Research Guides: Artificial Intelligence and Images: How AI creates images

What is AI?

Artificial Intelligence (AI) simulates human brain processes using machines, primarily computer systems.

AI creates new content from existing sets of data - text, images, video files, and code scraped from internet databases.

Watch the PBS video below that helps explain:

Advances in artificial intelligence raise new ethics concerns
8:00 minute video from PBS explains AI

How does AI work to create images?

Artificial neural networks mimic the brain's process to recognize patterns. Convolutional neural networks (ConvNets) specialize in the ability to identify objects and patterns in data. The neurons are a specialized form that works in a similar manner as the human eye. Although not as complex as the human brain, the machine can recognize an image in a way similar to how humans see.

Training a ConvNet involves feeding millions of images from a database, such as ImageNet, WordPress, Blogspot, Getty Images, and Shutterstock. For example, ImageNet contains over 14 million URLs of images, but does not own the copyright for the images. These images are annotated by hand to specify the content, and training continues to be tuned until particular classifications are learned.

It is important to note: the machine does not see images, but instead sees a set of numbers. An image is broken into pixels, which are represented by numbers which represent lines, edges, colors, etc.

(From: DeepDream: How Alexander Mordvintsev Excavated the Computer’s Hidden Layers)

According to Canva's Image Generator section:

"To create AI-generated images, the machine learning model scans millions of images across the internet along with the text associated with them. The algorithms spot trends in the images and text and eventually begin to guess which image and text fit together. Once the model can predict what an image should look like from a given text, they can create entirely new images from scratch based on a new set of descriptive text users enter on the app."

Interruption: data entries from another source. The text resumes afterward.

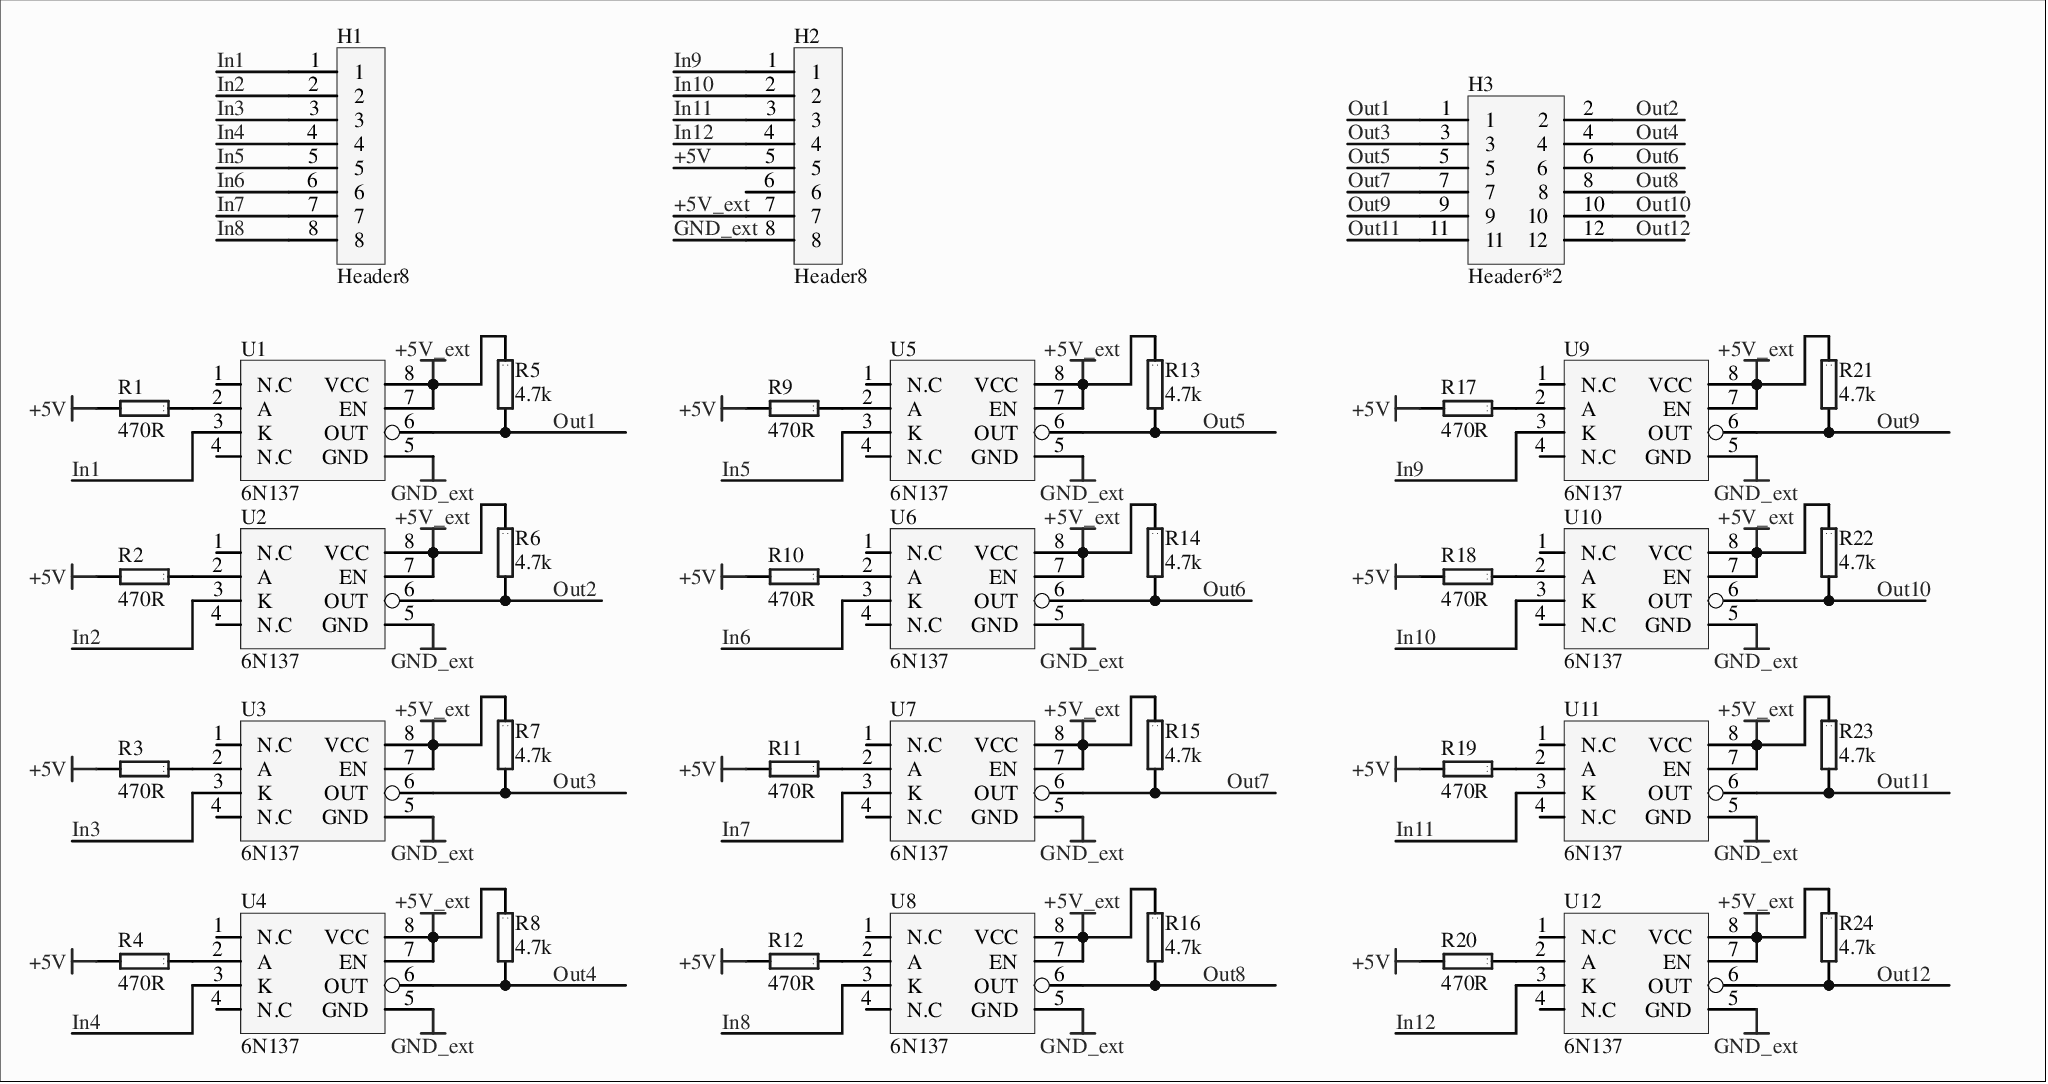
[diagram p0: MISC82214-3.SchDoc]
# Altium project MISC82214-2.PrjPcb
1 sheet, 39 parts. Net scope: global (net labels, ports and power ports of the same name join across sheets).
Board file: MISC82214.PcbDoc

## Sheet MISC82214-3.SchDoc
size 215 x 114 mm

### Parts
H1  Header8  [PinHeader8_1.27mm]
H2  Header8  [PinHeader8_1.27mm]
H3  Header6*2  [PinHeader6*2_2.54mm]
R1  470R  [0603]
R2  470R  [0603]
R3  470R  [0603]
R4  470R  [0603]
R5  4.7k  [0603]
R6  4.7k  [0603]
R7  4.7k  [0603]
R8  4.7k  [0603]
R9  470R  [0603]
R10  470R  [0603]
R11  470R  [0603]
R12  470R  [0603]
R13  4.7k  [0603]
R14  4.7k  [0603]
R15  4.7k  [0603]
R16  4.7k  [0603]
R17  470R  [0603]
R18  470R  [0603]
R19  470R  [0603]
R20  470R  [0603]
R21  4.7k  [0603]
R22  4.7k  [0603]
R23  4.7k  [0603]
R24  4.7k  [0603]
U1  6N137  [6N137_SMD]
U2  6N137  [6N137_SMD]
U3  6N137  [6N137_SMD]
U4  6N137  [6N137_SMD]
U5  6N137  [6N137_SMD]
U6  6N137  [6N137_SMD]
U7  6N137  [6N137_SMD]
U8  6N137  [6N137_SMD]
U9  6N137  [6N137_SMD]
U10  6N137  [6N137_SMD]
U11  6N137  [6N137_SMD]
U12  6N137  [6N137_SMD]

### Nets
+5V: H2.5 R1.2 R2.2 R3.2 R4.2 R9.2 R10.2 R11.2 R12.2 R17.2 R18.2 R19.2 R20.2
+5V_ext: H2.7 R5.1 R6.1 R7.1 R8.1 R13.1 R14.1 R15.1 R16.1 R21.1 R22.1 R23.1 R24.1 U1.7(EN) U1.8(VCC) U2.7(EN) U2.8(VCC) U3.7(EN) U3.8(VCC) U4.7(EN) U4.8(VCC) U5.7(EN) U5.8(VCC) U6.7(EN) U6.8(VCC) U7.7(EN) U7.8(VCC) U8.7(EN) U8.8(VCC) U9.7(EN) U9.8(VCC) U10.7(EN) U10.8(VCC) U11.7(EN) U11.8(VCC) U12.7(EN) U12.8(VCC)
GND_ext: H2.8 U1.5(GND) U2.5(GND) U3.5(GND) U4.5(GND) U5.5(GND) U6.5(GND) U7.5(GND) U8.5(GND) U9.5(GND) U10.5(GND) U11.5(GND) U12.5(GND)
In1: H1.1 U1.3(K)
In2: H1.2 U2.3(K)
In3: H1.3 U3.3(K)
In4: H1.4 U4.3(K)
In5: H1.5 U5.3(K)
In6: H1.6 U6.3(K)
In7: H1.7 U7.3(K)
In8: H1.8 U8.3(K)
In9: H2.1 U9.3(K)
In10: H2.2 U10.3(K)
In11: H2.3 U11.3(K)
In12: H2.4 U12.3(K)
Out1: H3.1 R5.2 U1.6(OUT)
Out2: H3.2 R6.2 U2.6(OUT)
Out3: H3.3 R7.2 U3.6(OUT)
Out4: H3.4 R8.2 U4.6(OUT)
Out5: H3.5 R13.2 U5.6(OUT)
Out6: H3.6 R14.2 U6.6(OUT)
Out7: H3.7 R15.2 U7.6(OUT)
Out8: H3.8 R16.2 U8.6(OUT)
Out9: H3.9 R21.2 U9.6(OUT)
Out10: H3.10 R22.2 U10.6(OUT)
Out11: H3.11 R23.2 U11.6(OUT)
Out12: H3.12 R24.2 U12.6(OUT)
NetR1_1: R1.1 U1.2(A)
NetR2_1: R2.1 U2.2(A)
NetR3_1: R3.1 U3.2(A)
NetR4_1: R4.1 U4.2(A)
NetR9_1: R9.1 U5.2(A)
NetR10_1: R10.1 U6.2(A)
NetR11_1: R11.1 U7.2(A)
NetR12_1: R12.1 U8.2(A)
NetR17_1: R17.1 U9.2(A)
NetR18_1: R18.1 U10.2(A)
NetR19_1: R19.1 U11.2(A)
NetR20_1: R20.1 U12.2(A)

Not connected (* = marked no-connect by the designer): H2 6*; U1 1(N.C) 4(N.C); U2 1(N.C) 4(N.C); U3 1(N.C) 4(N.C); U4 1(N.C) 4(N.C); U5 1(N.C) 4(N.C); U6 1(N.C) 4(N.C); U7 1(N.C) 4(N.C); U8 1(N.C) 4(N.C); U9 1(N.C) 4(N.C); U10 1(N.C) 4(N.C); U11 1(N.C) 4(N.C); U12 1(N.C) 4(N.C)

### Library data of the parts
R1-R24 = RES
U1-U12 = 6N137: High-speed optocoupler
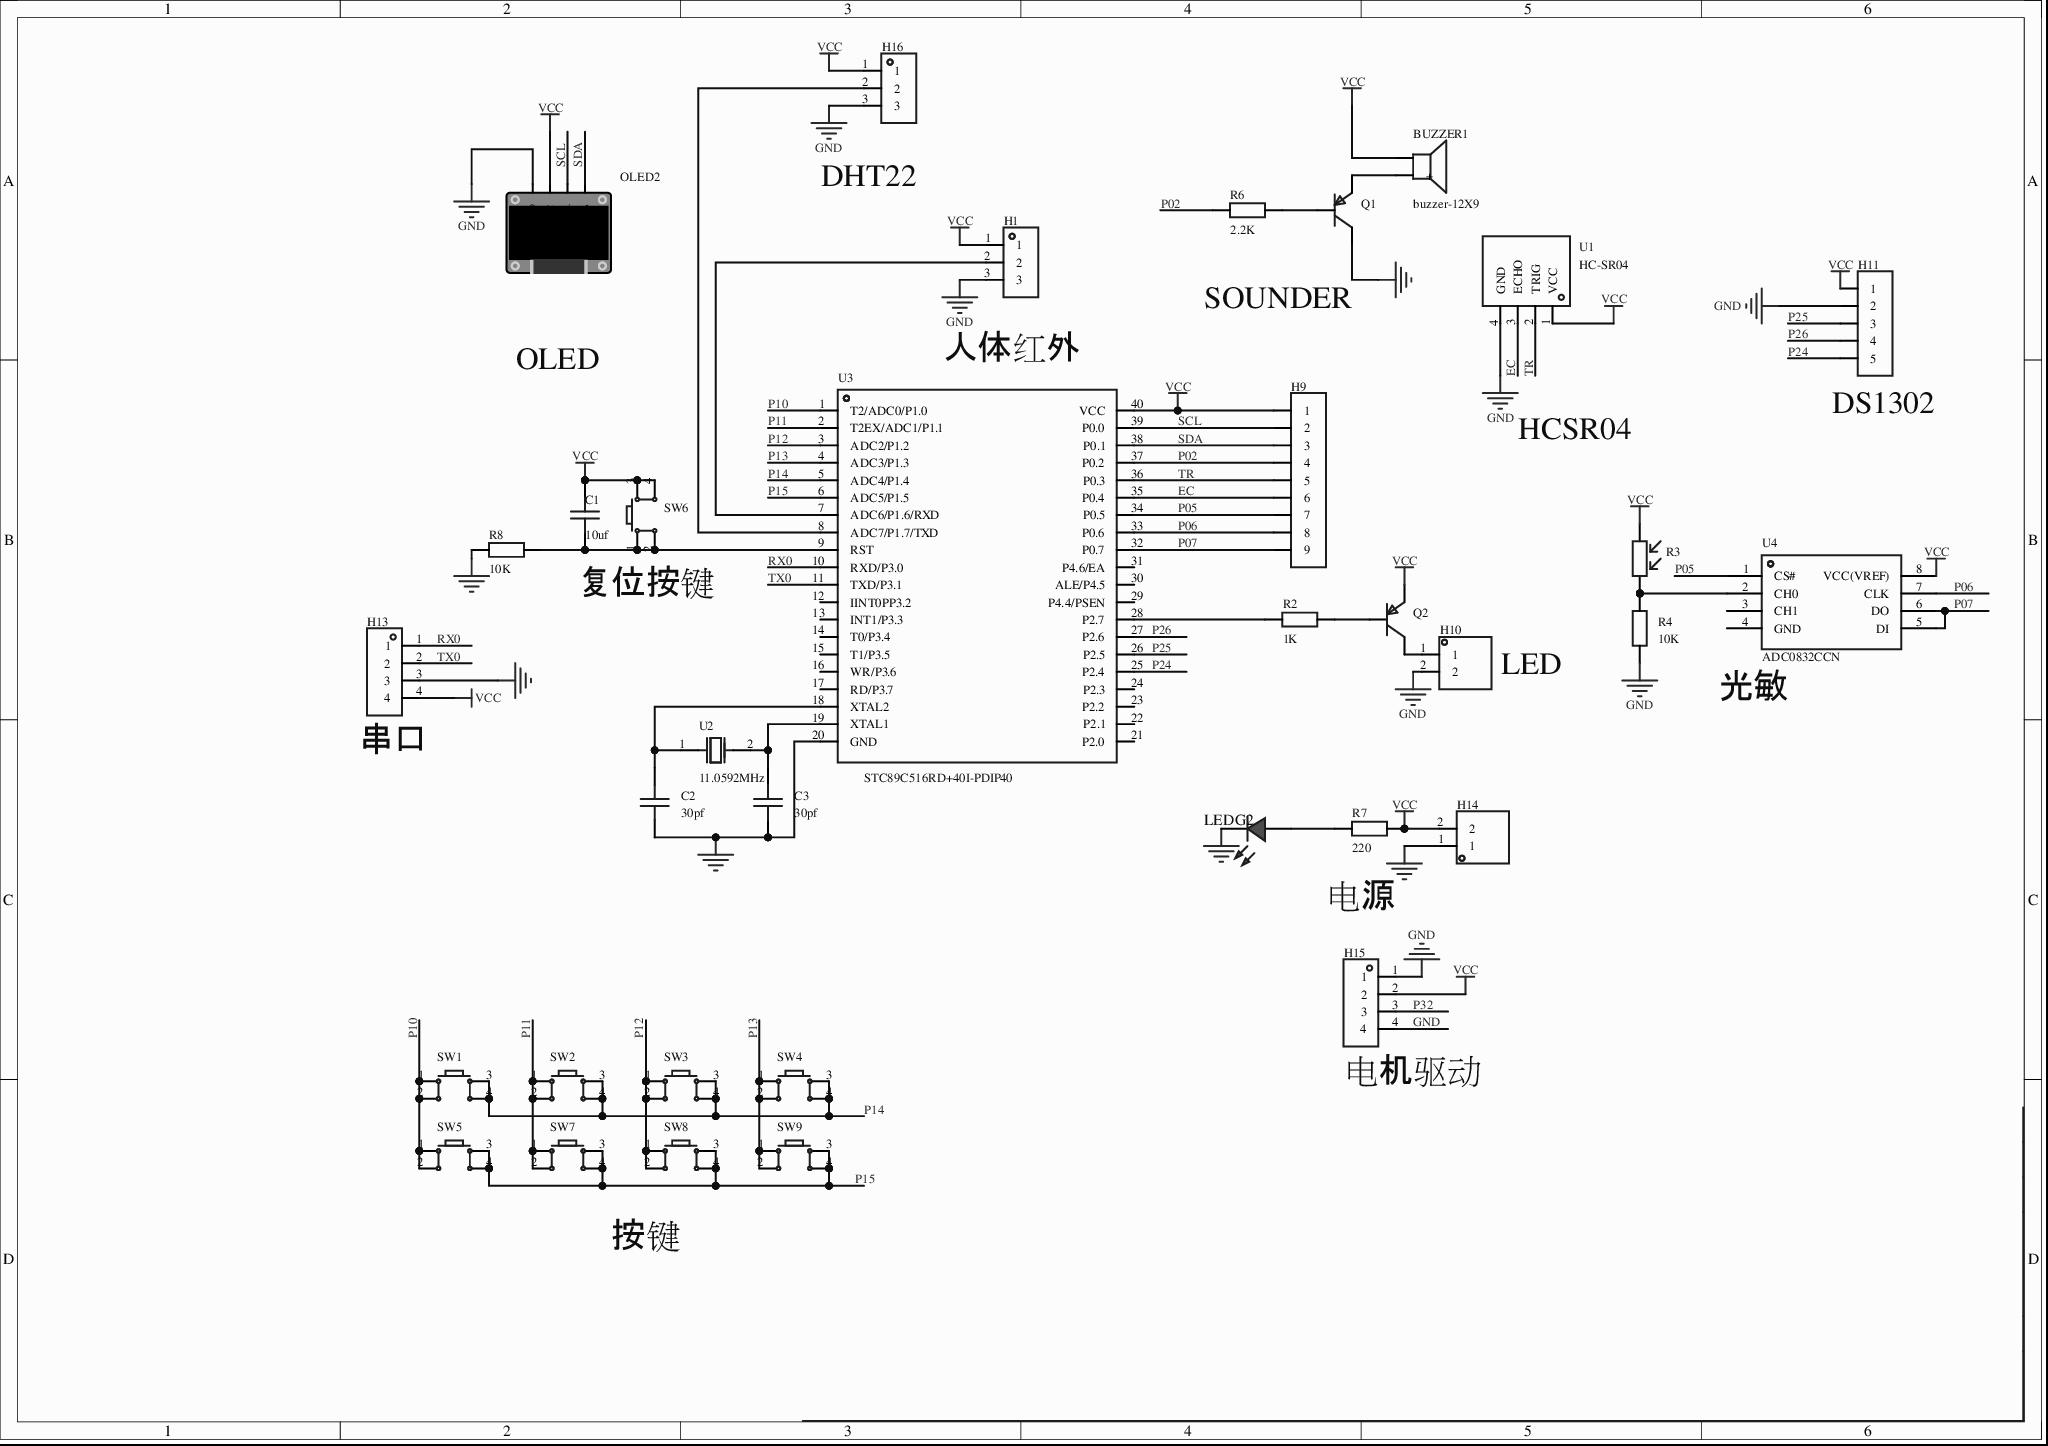
[diagram p0: MISC52077-3.schdoc]
# Altium project MISC52077-2.PrjPcb
1 sheet, 35 parts. Net scope: global (net labels, ports and power ports of the same name join across sheets).
Board file: MISC52077.pcbdoc

## Sheet MISC52077-3.schdoc
size 297 x 209 mm; Version: V1.0; @Project Name: MISC52077; @Page Count: 1; @Update Date: 2026-04-26; @Create Date: 2026-04-26; @Schematic Name: MISC52077; @Page No: 1; @Create Time: 23:22:16; @Update Time: 17:32:40; @Board Name: MISC52077

### Parts
BUZZER1  buzzer-12X9  [BUZ-TH_BD12.0-P7.60-D0.6-FD]
C1  10uf  [C0805]
C2  30pf  [C0805]
C3  30pf  [C0805]
H1  (no value)  [HDR-TH_3P-P2.54-V-F]
H9  (no value)  [HDR-TH_9P-P2.54-V-F-1]
H10  (no value)  [HDR-TH_2P-P2.54-V-M-1]
H11  (no value)  [HDR-TH_5P-P2.54-V-F]
H13  (no value)  [HDR-TH_4P-P2.54-V-M]
H14  (no value)  [HDR-TH_2P-P2.54-V-M-1]
H15  (no value)  [HDR-TH_4P-P2.54-V-F]
H16  (no value)  [HDR-TH_3P-P2.54-V-F]
LEDG2  (no value)  [LED_0805]
OLED2  (no value)  [0.96OLED_4P]
Q1  2N3906S-RTK/PS  [SOT-23-3_L2.9-W1.3-P1.90-LS2.4-TR]  (value not drawn)
Q2  (no value)  [S8550P_SOT]
R2  1K  [R0805]
R3  GL5549(80-100)  [RES-TH_L5.1-W4.3-P3.40-D0.5]  (value not drawn)
R4  10K  [R0805]
R6  2.2K  [R0805]
R7  220  [R0805]
R8  10K  [R0805]
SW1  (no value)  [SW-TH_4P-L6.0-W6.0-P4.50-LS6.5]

To produce an image, a user enters keywords and a model generates images utilizing those keywords. Strings of words can be used.

For instance: " orange cat yawning on a braided rug in front of a fireplace" produced these nine images from craiyon.com in under two minutes:

How AI turns text into images from PBS NewsHour explains the process.

Several years ago, AI-generated images used GANs, or generative adversarial networks, but they were fairly limited in what they could create. Now, AI models are trained on hundreds of millions of images and each is paired with a descriptive text caption. This new process, called "diffusion," starts by breaking down each image to random pixels (visual noise) that don't represent anything specific. Diffusion inverts the process and the model can go from the noise back to the original image. This serves as the model background instruction for concepts like objects or artistic style.

Engineered Art

According to this article from Mind Matters News, AI-generated art is not AI art, but instead engineer-generated art. Engineers build the mathematical models that train the AI. "Computer engineers are generating mind-blowing images using highly sophisticated mathematical models." This also can be compared to music -- top electronic musicians are highly skilled computer engineers, as are video game sound designers.

It is important to remember that the creativity in AI art comes from a HUMAN source. Think about creativity. Humans continually come up with new, improved ideas and concepts while AI connects the human innovation by modeling the source. The source has to exist first for AI to be trained.